When Gideon returns after his victory, the Ephraimites angrily accost him saying, “Why have you done this to us by not calling us when you went to fight the Midianites?” Judges 8:1. Gideon surely sees through their motives, and knows that they chose not to volunteer. However, he astutely soothes their hurt pride by saying, “What have I down now in comparison with you…. God has delivered into your hands the princes of Midian, Oreb and Zeeb. And what was I able to do in comparison with you?” Judges 8:2–3.

Gideon’s war ends with the deaths of 120,000 enemy soldiers in the first battle; the capture of two kings of Midian, Zebah and Zalmunna; and doubtless other deaths among the 15,000 who are defeated. This results in 40 years of relief from Midianite and Amalekite oppression. Clearly the victory is the Lord’s, but He uses Gideon and his 300 to accomplish His plan.

Falling Into Error

In gratitude for deliverance, Gideon’s countrymen propose that he should become king and that his descendants should rule after him. Gideon firmly responds, “I will not rule over you nor shall my son rule over you, the Lord shall rule over you.” Judges 8:22. However, he falls into error by asking for many of the spoils of war, including the golden earrings and Midianite ornaments weighing 1,700 shekels (about 43 pounds) and the purple robes of the Midianite kings. From these he makes an ephod and sets it up in his city, causing Israel to be enticed into idolatry (see Judges 8:27).

After the war, Gideon dwells in his own house, marries many wives, and has 70 sons. He dies, and immediately the people forsake the Lord and return to Baal worship, no longer showing kindness to the house of Gideon.

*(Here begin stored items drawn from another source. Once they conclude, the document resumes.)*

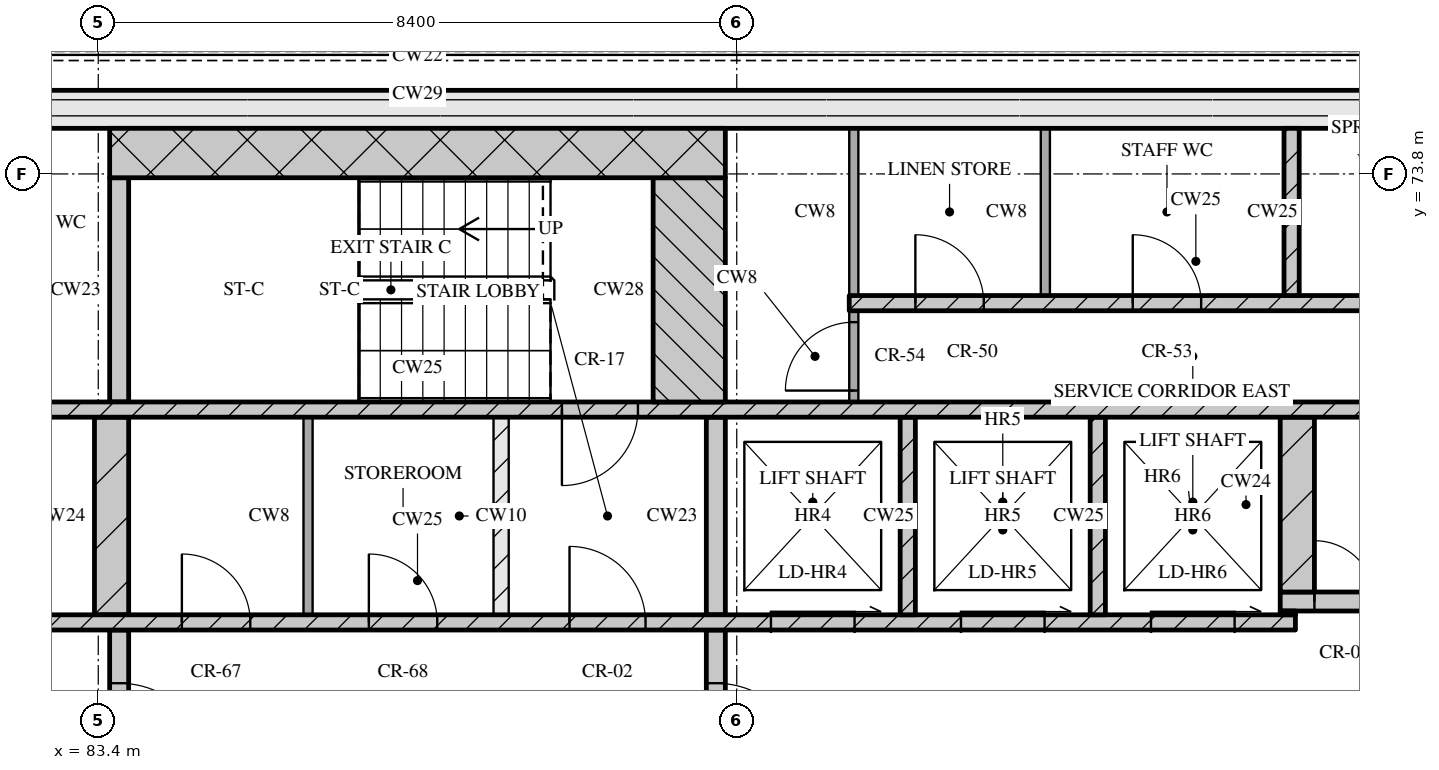
"""IFC4 building model, lengths in metres.
Left out: names, types, materials, properties, quantities, classifications, styles, units other than length and angle.
Written with IfcOpenShell. Run it as: python <this file> out.ifc"""

import sys

from ifc_helpers import new_model, si_unit, direction, frame, frame_2d, origin, place, context, subcontext, project, spatial, rectangle, extrude, element, fill, save


model = new_model("IFC4")
c1 = context("Model", 3, precision=1e-05, world=origin(), true_north=direction((0.0, 1.0)))
c2 = subcontext(c1, "Body", "Model", "MODEL_VIEW")
j1 = project(units=[si_unit("LENGTHUNIT", "METRE"), si_unit("PLANEANGLEUNIT", "RADIAN")], contexts=[c1])
p1 = place(None, origin())
s1 = spatial("IfcSite", under=j1, at=p1, CompositionType="ELEMENT")
p2 = place(p1, origin())
s2 = spatial("IfcBuilding", under=s1, at=p2, CompositionType="ELEMENT")
p3 = place(p2, frame((0.0, 0.0, 267.15)))
s3 = spatial("IfcBuildingStorey", under=s2, at=p3, CompositionType="ELEMENT", Elevation=267.15)
p4 = place(p3, frame((67.3, 74.65, 0.0), z_axis=(0.0, 0.0, 1.0), x_axis=(1.0, 0.0, 0.0)))
e1 = element("IfcWall", 1, at=p4, inside=s3, PredefinedType="SOLIDWALL", context=c2, shape_type="SweptSolid", body=[
    extrude(rectangle(XDim=40.6, YDim=0.5, at=frame_2d((20.3, 0.0))), origin(), (0.0, 0.0, 1.0), 3.32),
])
p5 = place(p3, frame((83.675, 65.2, 0.0), z_axis=(0.0, 0.0, 1.0), x_axis=(0.0, 1.0, 0.0)))
e2 = element("IfcWall", 2, at=p5, inside=s3, PredefinedType="SOLIDWALL", context=c2, shape_type="SweptSolid", body=[
    extrude(rectangle(XDim=2.6, YDim=0.25, at=frame_2d((1.3, 0.0))), origin(), (0.0, 0.0, 1.0), 3.32),
])
p6 = place(p5, frame((0.7, 0.0, 0.0)))
e3 = element("IfcOpeningElement", 3, at=p6, cuts=e2, PredefinedType="OPENING", context=c2, shape_type="SweptSolid", body=[
    extrude(rectangle(XDim=1.2, YDim=2.1, at=frame_2d((0.6, 1.05))), frame((0.0, 0.135, 0.0), z_axis=(0.0, -1.0, 0.0), x_axis=(1.0, 0.0, 0.0)), (0.0, 0.0, 1.0), 0.27),
])
p7 = place(p3, frame((91.525, 65.2, 0.0), z_axis=(0.0, 0.0, 1.0), x_axis=(0.0, 1.0, 0.0)))
e4 = element("IfcWall", 4, at=p7, inside=s3, PredefinedType="SOLIDWALL", context=c2, shape_type="SweptSolid", body=[
    extrude(rectangle(XDim=2.6, YDim=0.25, at=frame_2d((1.3, 0.0))), origin(), (0.0, 0.0, 1.0), 3.32),
])
p8 = place(p7, frame((0.7, 0.0, 0.0)))
e5 = element("IfcOpeningElement", 5, at=p8, cuts=e4, PredefinedType="OPENING", context=c2, shape_type="SweptSolid", body=[
    extrude(rectangle(XDim=1.2, YDim=2.1, at=frame_2d((0.6, 1.05))), frame((0.0, 0.135, 0.0), z_axis=(0.0, -1.0, 0.0), x_axis=(1.0, 0.0, 0.0)), (0.0, 0.0, 1.0), 0.27),
])
p9 = place(p3, frame((76.05, 67.9, 0.0), z_axis=(0.0, 0.0, 1.0), x_axis=(1.0, 0.0, 0.0)))
e6 = element("IfcWall", 6, at=p9, inside=s3, PredefinedType="SOLIDWALL", context=c2, shape_type="SweptSolid", body=[
    extrude(rectangle(XDim=23.1, YDim=0.2, at=frame_2d((11.55, 0.0))), origin(), (0.0, 0.0, 1.0), 3.32),
])
p10 = place(p9, frame((1.4, 0.0, 0.0)))
e7 = element("IfcOpeningElement", 7, at=p10, cuts=e6, PredefinedType="OPENING", context=c2, shape_type="SweptSolid", body=[
    extrude(rectangle(XDim=0.9, YDim=2.1, at=frame_2d((0.45, 1.05))), frame((0.0, 0.11, 0.0), z_axis=(0.0, -1.0, 0.0), x_axis=(1.0, 0.0, 0.0)), (0.0, 0.0, 1.0), 0.22),
])
p11 = place(p9, frame((5.11, 0.0, 0.0)))
e8 = element("IfcOpeningElement", 8, at=p11, cuts=e6, PredefinedType="OPENING", context=c2, shape_type="SweptSolid", body=[
    extrude(rectangle(XDim=0.9, YDim=2.1, at=frame_2d((0.45, 1.05))), frame((0.0, 0.11, 0.0), z_axis=(0.0, -1.0, 0.0), x_axis=(1.0, 0.0, 0.0)), (0.0, 0.0, 1.0), 0.22),
])
p12 = place(p9, frame((8.45, 0.0, 0.0)))
e9 = element("IfcOpeningElement", 9, at=p12, cuts=e6, PredefinedType="OPENING", context=c2, shape_type="SweptSolid", body=[
    extrude(rectangle(XDim=0.9, YDim=2.1, at=frame_2d((0.45, 1.05))), frame((0.0, 0.11, 0.0), z_axis=(0.0, -1.0, 0.0), x_axis=(1.0, 0.0, 0.0)), (0.0, 0.0, 1.0), 0.22),
])
p13 = place(p9, frame((10.91, 0.0, 0.0)))
e10 = element("IfcOpeningElement", 10, at=p13, cuts=e6, PredefinedType="OPENING", context=c2, shape_type="SweptSolid", body=[
    extrude(rectangle(XDim=0.9, YDim=2.1, at=frame_2d((0.45, 1.05))), frame((0.0, 0.11, 0.0), z_axis=(0.0, -1.0, 0.0), x_axis=(1.0, 0.0, 0.0)), (0.0, 0.0, 1.0), 0.22),
])
p14 = place(p9, frame((13.55, 0.0, 0.0)))
e11 = element("IfcOpeningElement", 11, at=p14, cuts=e6, PredefinedType="OPENING", context=c2, shape_type="SweptSolid", body=[
    extrude(rectangle(XDim=1.0, YDim=2.1, at=frame_2d((0.5, 1.05))), frame((0.0, 0.11, 0.0), z_axis=(0.0, -1.0, 0.0), x_axis=(1.0, 0.0, 0.0)), (0.0, 0.0, 1.0), 0.22),
])
p15 = place(p9, frame((16.2, 0.0, 0.0)))
e12 = element("IfcOpeningElement", 12, at=p15, cuts=e6, PredefinedType="OPENING", context=c2, shape_type="SweptSolid", body=[
    extrude(rectangle(XDim=1.1, YDim=2.1, at=frame_2d((0.55, 1.05))), frame((0.0, 0.11, 0.0), z_axis=(0.0, -1.0, 0.0), x_axis=(1.0, 0.0, 0.0)), (0.0, 0.0, 1.0), 0.22),
])
p16 = place(p9, frame((18.7, 0.0, 0.0)))
e13 = element("IfcOpeningElement", 13, at=p16, cuts=e6, PredefinedType="OPENING", context=c2, shape_type="SweptSolid", body=[
    extrude(rectangle(XDim=1.1, YDim=2.1, at=frame_2d((0.55, 1.05))), frame((0.0, 0.11, 0.0), z_axis=(0.0, -1.0, 0.0), x_axis=(1.0, 0.0, 0.0)), (0.0, 0.0, 1.0), 0.22),
])
p17 = place(p9, frame((21.2, 0.0, 0.0)))
e14 = element("IfcOpeningElement", 14, at=p17, cuts=e6, PredefinedType="OPENING", context=c2, shape_type="SweptSolid", body=[
    extrude(rectangle(XDim=1.1, YDim=2.1, at=frame_2d((0.55, 1.05))), frame((0.0, 0.11, 0.0), z_axis=(0.0, -1.0, 0.0), x_axis=(1.0, 0.0, 0.0)), (0.0, 0.0, 1.0), 0.22),
])
p18 = place(p3, frame((83.575, 68.0, 0.0), z_axis=(0.0, 0.0, 1.0), x_axis=(0.0, 1.0, 0.0)))
e15 = element("IfcWall", 15, at=p18, inside=s3, PredefinedType="SOLIDWALL", context=c2, shape_type="SweptSolid", body=[
    extrude(rectangle(XDim=2.6, YDim=0.45, at=frame_2d((1.3, 0.0))), origin(), (0.0, 0.0, 1.0), 3.32),
])
p19 = place(p3, frame((86.16, 68.0, 0.0), z_axis=(0.0, 0.0, 1.0), x_axis=(0.0, 1.0, 0.0)))
e16 = element("IfcWall", 16, at=p19, inside=s3, PredefinedType="PARTITIONING", context=c2, shape_type="SweptSolid", body=[
    extrude(rectangle(XDim=2.6, YDim=0.12, at=frame_2d((1.3, 0.0))), origin(), (0.0, 0.0, 1.0), 3.32),
])
p20 = place(p3, frame((88.7, 68.0, 0.0), z_axis=(0.0, 0.0, 1.0), x_axis=(0.0, 1.0, 0.0)))
e17 = element("IfcWall", 17, at=p20, inside=s3, PredefinedType="PARTITIONING", context=c2, shape_type="SweptSolid", body=[
    extrude(rectangle(XDim=2.6, YDim=0.2, at=frame_2d((1.3, 0.0))), origin(), (0.0, 0.0, 1.0), 3.32),
])
p21 = place(p3, frame((91.525, 68.0, 0.0), z_axis=(0.0, 0.0, 1.0), x_axis=(0.0, 1.0, 0.0)))
e18 = element("IfcWall", 18, at=p21, inside=s3, PredefinedType="SOLIDWALL", context=c2, shape_type="SweptSolid", body=[
    extrude(rectangle(XDim=2.6, YDim=0.25, at=frame_2d((1.3, 0.0))), origin(), (0.0, 0.0, 1.0), 3.32),
])
for number, where, z_axis, x_axis in (
    (19, (94.05, 68.0, 0.0), (0.0, 0.0, 1.0), (0.0, 1.0, 0.0)),
    (20, (96.55, 68.0, 0.0), (0.0, 0.0, 1.0), (0.0, 1.0, 0.0)),
):
    element("IfcWall", number, at=place(p3, frame(where, z_axis=z_axis, x_axis=x_axis)), inside=s3, PredefinedType="SOLIDWALL", context=c2, shape_type="SweptSolid", body=[
        extrude(rectangle(XDim=2.6, YDim=0.2, at=frame_2d((1.3, 0.0))), origin(), (0.0, 0.0, 1.0), 3.32),
    ])
p22 = place(p3, frame((98.95, 68.025, 0.0), z_axis=(0.0, 0.0, 1.0), x_axis=(1.0, 0.0, 0.0)))
e21 = element("IfcWall", 21, at=p22, inside=s3, PredefinedType="SOLIDWALL", context=c2, shape_type="SweptSolid", body=[
    extrude(rectangle(XDim=0.2, YDim=0.05, at=frame_2d((0.1, 0.0))), origin(), (0.0, 0.0, 1.0), 3.32),
])
p23 = place(p3, frame((98.95, 68.175, 0.0), z_axis=(0.0, 0.0, 1.0), x_axis=(1.0, 0.0, 0.0)))
e22 = element("IfcWall", 22, at=p23, inside=s3, PredefinedType="SOLIDWALL", context=c2, shape_type="SweptSolid", body=[
    extrude(rectangle(XDim=8.45, YDim=0.25, at=frame_2d((4.225, 0.0))), origin(), (0.0, 0.0, 1.0), 3.32),
])
p24 = place(p23, frame((0.45, 0.0, 0.0)))
e23 = element("IfcOpeningElement", 23, at=p24, cuts=e22, PredefinedType="OPENING", context=c2, shape_type="SweptSolid", body=[
    extrude(rectangle(XDim=0.8, YDim=2.1, at=frame_2d((0.4, 1.05))), frame((0.0, 0.135, 0.0), z_axis=(0.0, -1.0, 0.0), x_axis=(1.0, 0.0, 0.0)), (0.0, 0.0, 1.0), 0.27),
])
p25 = place(p23, frame((1.75, 0.0, 0.0)))
e24 = element("IfcOpeningElement", 24, at=p25, cuts=e22, PredefinedType="OPENING", context=c2, shape_type="SweptSolid", body=[
    extrude(rectangle(XDim=1.0, YDim=2.1, at=frame_2d((0.5, 1.05))), frame((0.0, 0.135, 0.0), z_axis=(0.0, -1.0, 0.0), x_axis=(1.0, 0.0, 0.0)), (0.0, 0.0, 1.0), 0.27),
])
p26 = place(p3, frame((99.175, 68.3, 0.0), z_axis=(0.0, 0.0, 1.0), x_axis=(0.0, 1.0, 0.0)))
e25 = element("IfcWall", 25, at=p26, inside=s3, PredefinedType="SOLIDWALL", context=c2, shape_type="SweptSolid", body=[
    extrude(rectangle(XDim=2.3, YDim=0.45, at=frame_2d((1.15, 0.0))), origin(), (0.0, 0.0, 1.0), 3.32),
])
p27 = place(p3, frame((67.8, 70.7, 0.0), z_axis=(0.0, 0.0, 1.0), x_axis=(1.0, 0.0, 0.0)))
e26 = element("IfcWall", 26, at=p27, inside=s3, PredefinedType="SOLIDWALL", context=c2, shape_type="SweptSolid", body=[
    extrude(rectangle(XDim=39.6, YDim=0.2, at=frame_2d((19.8, 0.0))), origin(), (0.0, 0.0, 1.0), 3.32),
])
p28 = place(p27, frame((0.65, 0.0, 0.0)))
e27 = element("IfcOpeningElement", 27, at=p28, cuts=e26, PredefinedType="OPENING", context=c2, shape_type="SweptSolid", body=[
    extrude(rectangle(XDim=1.1, YDim=2.1, at=frame_2d((0.55, 1.05))), frame((0.0, 0.11, 0.0), z_axis=(0.0, -1.0, 0.0), x_axis=(1.0, 0.0, 0.0)), (0.0, 0.0, 1.0), 0.22),
])
p29 = place(p27, frame((3.25, 0.0, 0.0)))
e28 = element("IfcOpeningElement", 28, at=p29, cuts=e26, PredefinedType="OPENING", context=c2, shape_type="SweptSolid", body=[
    extrude(rectangle(XDim=1.1, YDim=2.1, at=frame_2d((0.55, 1.05))), frame((0.0, 0.11, 0.0), z_axis=(0.0, -1.0, 0.0), x_axis=(1.0, 0.0, 0.0)), (0.0, 0.0, 1.0), 0.22),
])
p30 = place(p27, frame((5.9, 0.0, 0.0)))
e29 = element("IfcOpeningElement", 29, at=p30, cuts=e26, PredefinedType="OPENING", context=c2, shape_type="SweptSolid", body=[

Gideon is clearly the Lord’s appointed man to successfully free Israel from Midianite oppression. He learns that is the Lord who frees them, and that He must rule over them. But after a great victory, he is in great jeopardy to think he is very important. Gideon falls into this trap and elevates himself to priestly importance, which eventually causes his downfall, and the downfall of his house and people. Like many other men in the Bible, his story is one of success and failure.